1746. Maximum Subarray Sum After One Operation

Level

Medium

Description

You are given an integer array nums. You must perform exactly one operation where you can replace one element nums[i] with nums[i] * nums[i].

Return the maximum possible subarray sum after exactly one operation. The subarray must be non-empty.

Example 1:

Input: nums = [2,-1,-4,-3]

Output: 17

Explanation: You can perform the operation on index 2 (0-indexed) to make nums = [2,-1,16,-3]. Now, the maximum subarray sum is 2 + -1 + 16 = 17.

Example 2:

Input: nums = [1,-1,1,1,-1,-1,1]

Output: 4

Explanation: You can perform the operation on index 1 (0-indexed) to make nums = [1,1,1,1,-1,-1,1]. Now, the maximum subarray sum is 1 + 1 + 1 + 1 = 4.

Constraints:

  • 1 <= nums.length <= 10^5
  • -10^4 <= nums[i] <= 10^4

Solution

Use dynamic programming. Let n be the length of nums. Create a 2D array dp of n rows and 3 columns, where

  • dp[i][0] represents the maximum subarray sum that ends at index i when no operation is performed,
  • dp[i][1] represents the maximum subarray sum that ends at index i when the one operation is performed at index i, and
  • dp[i][2] represents the maximum subarray sum that ends at index i when the one operation is performed before index i.
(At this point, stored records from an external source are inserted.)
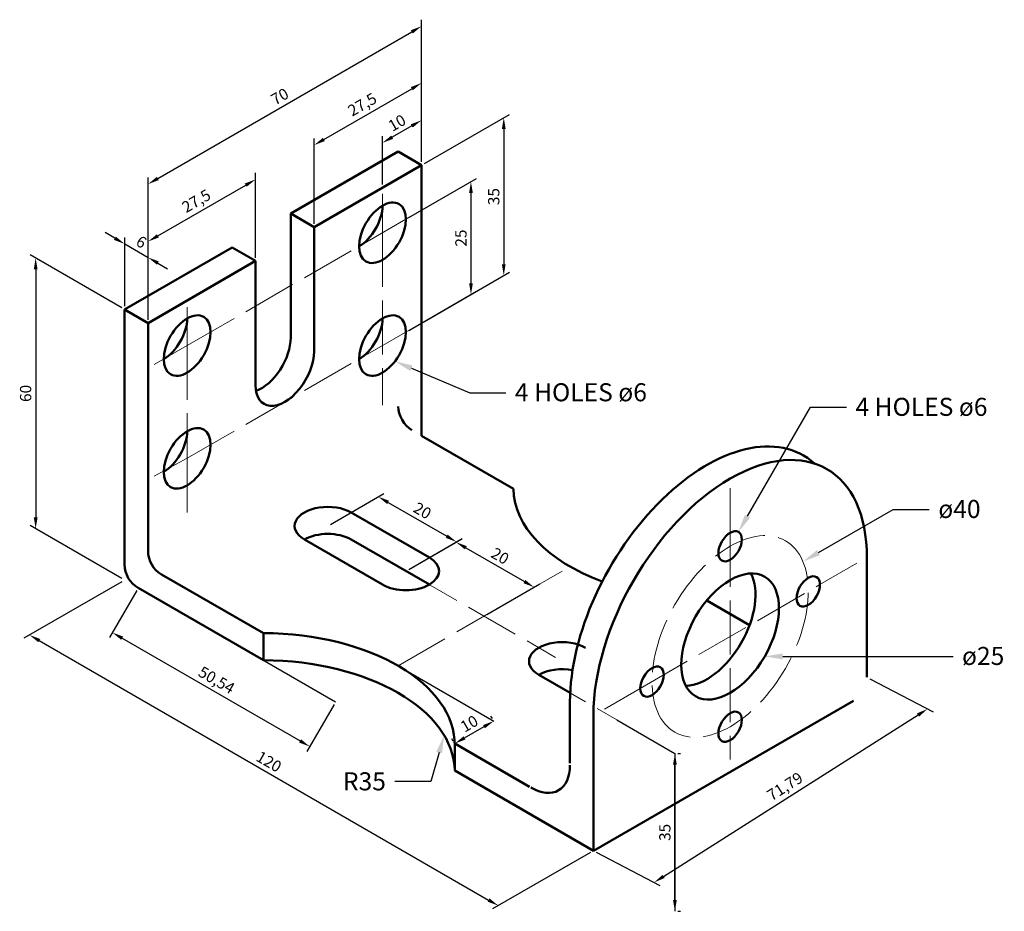
# Model space of a CAD drawing. Units: millimetres. Extents: x 1305 to 1523, y 1896 to 2094.
import ezdxf
from ezdxf import colors
from ezdxf.entities.mleader import LeaderData, LeaderLine
from ezdxf.math import Vec2, Vec3

# ---------------------------------------------------------------- set-up
doc = ezdxf.new("R2010")
doc.units = ezdxf.units.MM
doc.linetypes.add('ACAD_ISO02W100', pattern=[15, 12, -3])
for name, color, linetype, lineweight in [('M-CNTR', 1, 'ACAD_ISO02W100', 18), ('M-DIMS', 2, 'Continuous', 25), ('M-OUTL', 7, 'Continuous', 50), ('M-TEXT', 3, 'Continuous', 25)]:
    doc.layers.add(name, color=color, linetype=linetype, lineweight=lineweight)
doc.styles.get("Standard").update_dxf_attribs({"font": 'arial.ttf'})
doc.dimstyles.new('ISO-25', dxfattribs={"dimtxt": 2.5, "dimasz": 2.5, "dimexe": 1.25, "dimexo": 0.625, "dimtad": 1, "dimtxsty": 'Standard', "dimcen": 2.5, "dimadec": 0, "dimazin": 0, "dimtfac": 1, "dimtmove": 0, "dimatfit": 3, "dimfxl": 1, "dimarcsym": 0})

# ---------------------------------------------------------------- blocks, each defined once
blk = doc.blocks.new('*D1')
at = {"layer": 'Defpoints', "color": 0, "transparency": 16777216}
for p in [(1493, 1948.39), (1506.45, 1941.36), (1432.38, 1909.92)]:
    blk.add_point(p, dxfattribs=at)
at = {"layer": 'M-DIMS', "color": 0, "lineweight": -2, "transparency": 16777216}
for p, q in [((1493.64, 1948.05), (1507.73, 1940.69)), ((1447.94, 1904.23), (1504.34, 1940.02)), ((1433.02, 1909.59), (1447.11, 1902.22))]:
    blk.add_line(p, q, dxfattribs=at)
at = {"layer": 'M-DIMS', "color": 0, "transparency": 16777216}
for points in [[(1504.11, 1940.37), (1504.56, 1939.66), (1506.45, 1941.36)], [(1447.71, 1904.58), (1448.16, 1903.88), (1445.83, 1902.89)]]:
    blk.add_solid(points, dxfattribs=at)
at = {"layer": 'M-DIMS', "color": 0, "transparency": 16777216, "insert": (1475, 1923.92), "char_height": 2.5, "attachment_point": 5, "rotation": 32.3948}
blk.add_mtext('71,79', dxfattribs=at)
blk = doc.blocks.new('*D2')
at = {"layer": 'Defpoints', "color": 0, "transparency": 16777216}
for p in [(1328.46, 1969.92), (1432.38, 1909.92), (1411.29, 1897.75)]:
    blk.add_point(p, dxfattribs=at)
at = {"layer": 'M-DIMS', "color": 0, "lineweight": -2, "transparency": 16777216}
for p, q in [((1327.83, 1969.56), (1306.12, 1957.03)), ((1309.54, 1956.5), (1409.13, 1899)), ((1431.75, 1909.56), (1410.04, 1897.03))]:
    blk.add_line(p, q, dxfattribs=at)
at = {"layer": 'M-DIMS', "color": 0, "transparency": 16777216}
for points in [[(1309.75, 1956.86), (1309.33, 1956.14), (1307.37, 1957.75)], [(1409.34, 1899.36), (1408.92, 1898.64), (1411.29, 1897.75)]]:
    blk.add_solid(points, dxfattribs=at)
at = {"layer": 'M-DIMS', "color": 0, "transparency": 16777216, "insert": (1360.28, 1929.4), "char_height": 2.5, "attachment_point": 5, "rotation": 330}
blk.add_mtext('120', dxfattribs=at)
blk = doc.blocks.new('*D3')
at = {"layer": 'Defpoints', "color": 0, "transparency": 16777216}
for p in [(1328.46, 2029.92), (1308.73, 1981.31), (1328.46, 1969.92)]:
    blk.add_point(p, dxfattribs=at)
at = {"layer": 'M-DIMS', "color": 0, "lineweight": -2, "transparency": 16777216}
for p, q in [((1327.83, 2030.28), (1307.48, 2042.03)), ((1308.73, 2038.81), (1308.73, 1983.81)), ((1327.83, 1970.28), (1307.48, 1982.03))]:
    blk.add_line(p, q, dxfattribs=at)
at = {"layer": 'M-DIMS', "color": 0, "transparency": 16777216}
for points in [[(1308.31, 2038.81), (1309.15, 2038.81), (1308.73, 2041.31)], [(1308.31, 1983.81), (1309.15, 1983.81), (1308.73, 1981.31)]]:
    blk.add_solid(points, dxfattribs=at)
at = {"layer": 'M-DIMS', "color": 0, "transparency": 16777216, "insert": (1306.83, 2011.31), "char_height": 2.5, "attachment_point": 5, "rotation": 90}
blk.add_mtext('60', dxfattribs=at)
blk = doc.blocks.new('*D4')
at = {"layer": 'Defpoints', "color": 0, "transparency": 16777216}
for p in [(1333.65, 2041.46), (1328.46, 2029.92), (1333.65, 2026.92)]:
    blk.add_point(p, dxfattribs=at)
at = {"layer": 'M-DIMS', "color": 0, "lineweight": -2, "transparency": 16777216}
for p, q in [((1326.29, 2045.71), (1324.13, 2046.96)), ((1328.46, 2030.65), (1328.46, 2045.9)), ((1328.46, 2044.46), (1333.65, 2041.46)), ((1333.65, 2027.65), (1333.65, 2042.9)), ((1335.82, 2040.21), (1337.98, 2038.96))]:
    blk.add_line(p, q, dxfattribs=at)
at = {"layer": 'M-DIMS', "color": 0, "transparency": 16777216}
for points in [[(1326.5, 2046.07), (1326.08, 2045.35), (1328.46, 2044.46)], [(1336.03, 2040.57), (1335.61, 2039.85), (1333.65, 2041.46)]]:
    blk.add_solid(points, dxfattribs=at)
at = {"layer": 'M-DIMS', "color": 0, "transparency": 16777216, "insert": (1332, 2044.61), "char_height": 2.5, "attachment_point": 5, "rotation": 330}
blk.add_mtext('6', dxfattribs=at)
blk = doc.blocks.new('*D5')
at = {"layer": 'Defpoints', "color": 0, "transparency": 16777216}
for p in [(1357.47, 2058.74), (1357.47, 2040.67), (1333.65, 2026.92)]:
    blk.add_point(p, dxfattribs=at)
at = {"layer": 'M-DIMS', "color": 0, "lineweight": -2, "transparency": 16777216}
for p, q in [((1357.47, 2041.4), (1357.47, 2060.18)), ((1335.82, 2046.24), (1355.3, 2057.49)), ((1333.65, 2027.65), (1333.65, 2046.43))]:
    blk.add_line(p, q, dxfattribs=at)
at = {"layer": 'M-DIMS', "color": 0, "transparency": 16777216}
for points in [[(1355.09, 2057.85), (1355.51, 2057.13), (1357.47, 2058.74)], [(1335.61, 2046.6), (1336.03, 2045.88), (1333.65, 2044.99)]]:
    blk.add_solid(points, dxfattribs=at)
at = {"layer": 'M-DIMS', "color": 0, "transparency": 16777216, "insert": (1344.5, 2053.71), "char_height": 2.5, "attachment_point": 5, "rotation": 30}
blk.add_mtext('27,5', dxfattribs=at)
blk = doc.blocks.new('*D6')
at = {"layer": 'Defpoints', "color": 0, "transparency": 16777216}
for p in [(1394.27, 2092.72), (1394.27, 2061.92), (1333.65, 2026.92)]:
    blk.add_point(p, dxfattribs=at)
at = {"layer": 'M-DIMS', "color": 0, "lineweight": -2, "transparency": 16777216}
for p, q in [((1394.27, 2062.65), (1394.27, 2094.17)), ((1335.82, 2058.97), (1392.11, 2091.47)), ((1333.65, 2027.65), (1333.65, 2059.17))]:
    blk.add_line(p, q, dxfattribs=at)
at = {"layer": 'M-DIMS', "color": 0, "transparency": 16777216}
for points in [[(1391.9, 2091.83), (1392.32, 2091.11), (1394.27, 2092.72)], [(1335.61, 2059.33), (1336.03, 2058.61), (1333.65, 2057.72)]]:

Initially, dp[0][0] = nums[0], dp[0][1] = nums[0] * nums[0] and dp[0][2] = Integer.MIN_VALUE, which means dp[0][2] is an impossible value.

Loop over i from 1 to n - 1. For each i, there is dp[i][0] = Math.max(dp[i - 1][0], 0) + nums[i], dp[i][1] = Math.max(dp[i - 1][0], 0) + nums[i] * nums[i] and dp[i][2] = Math.max(Math.max(dp[i - 1][1], dp[i - 1][2]), 0) + nums[i].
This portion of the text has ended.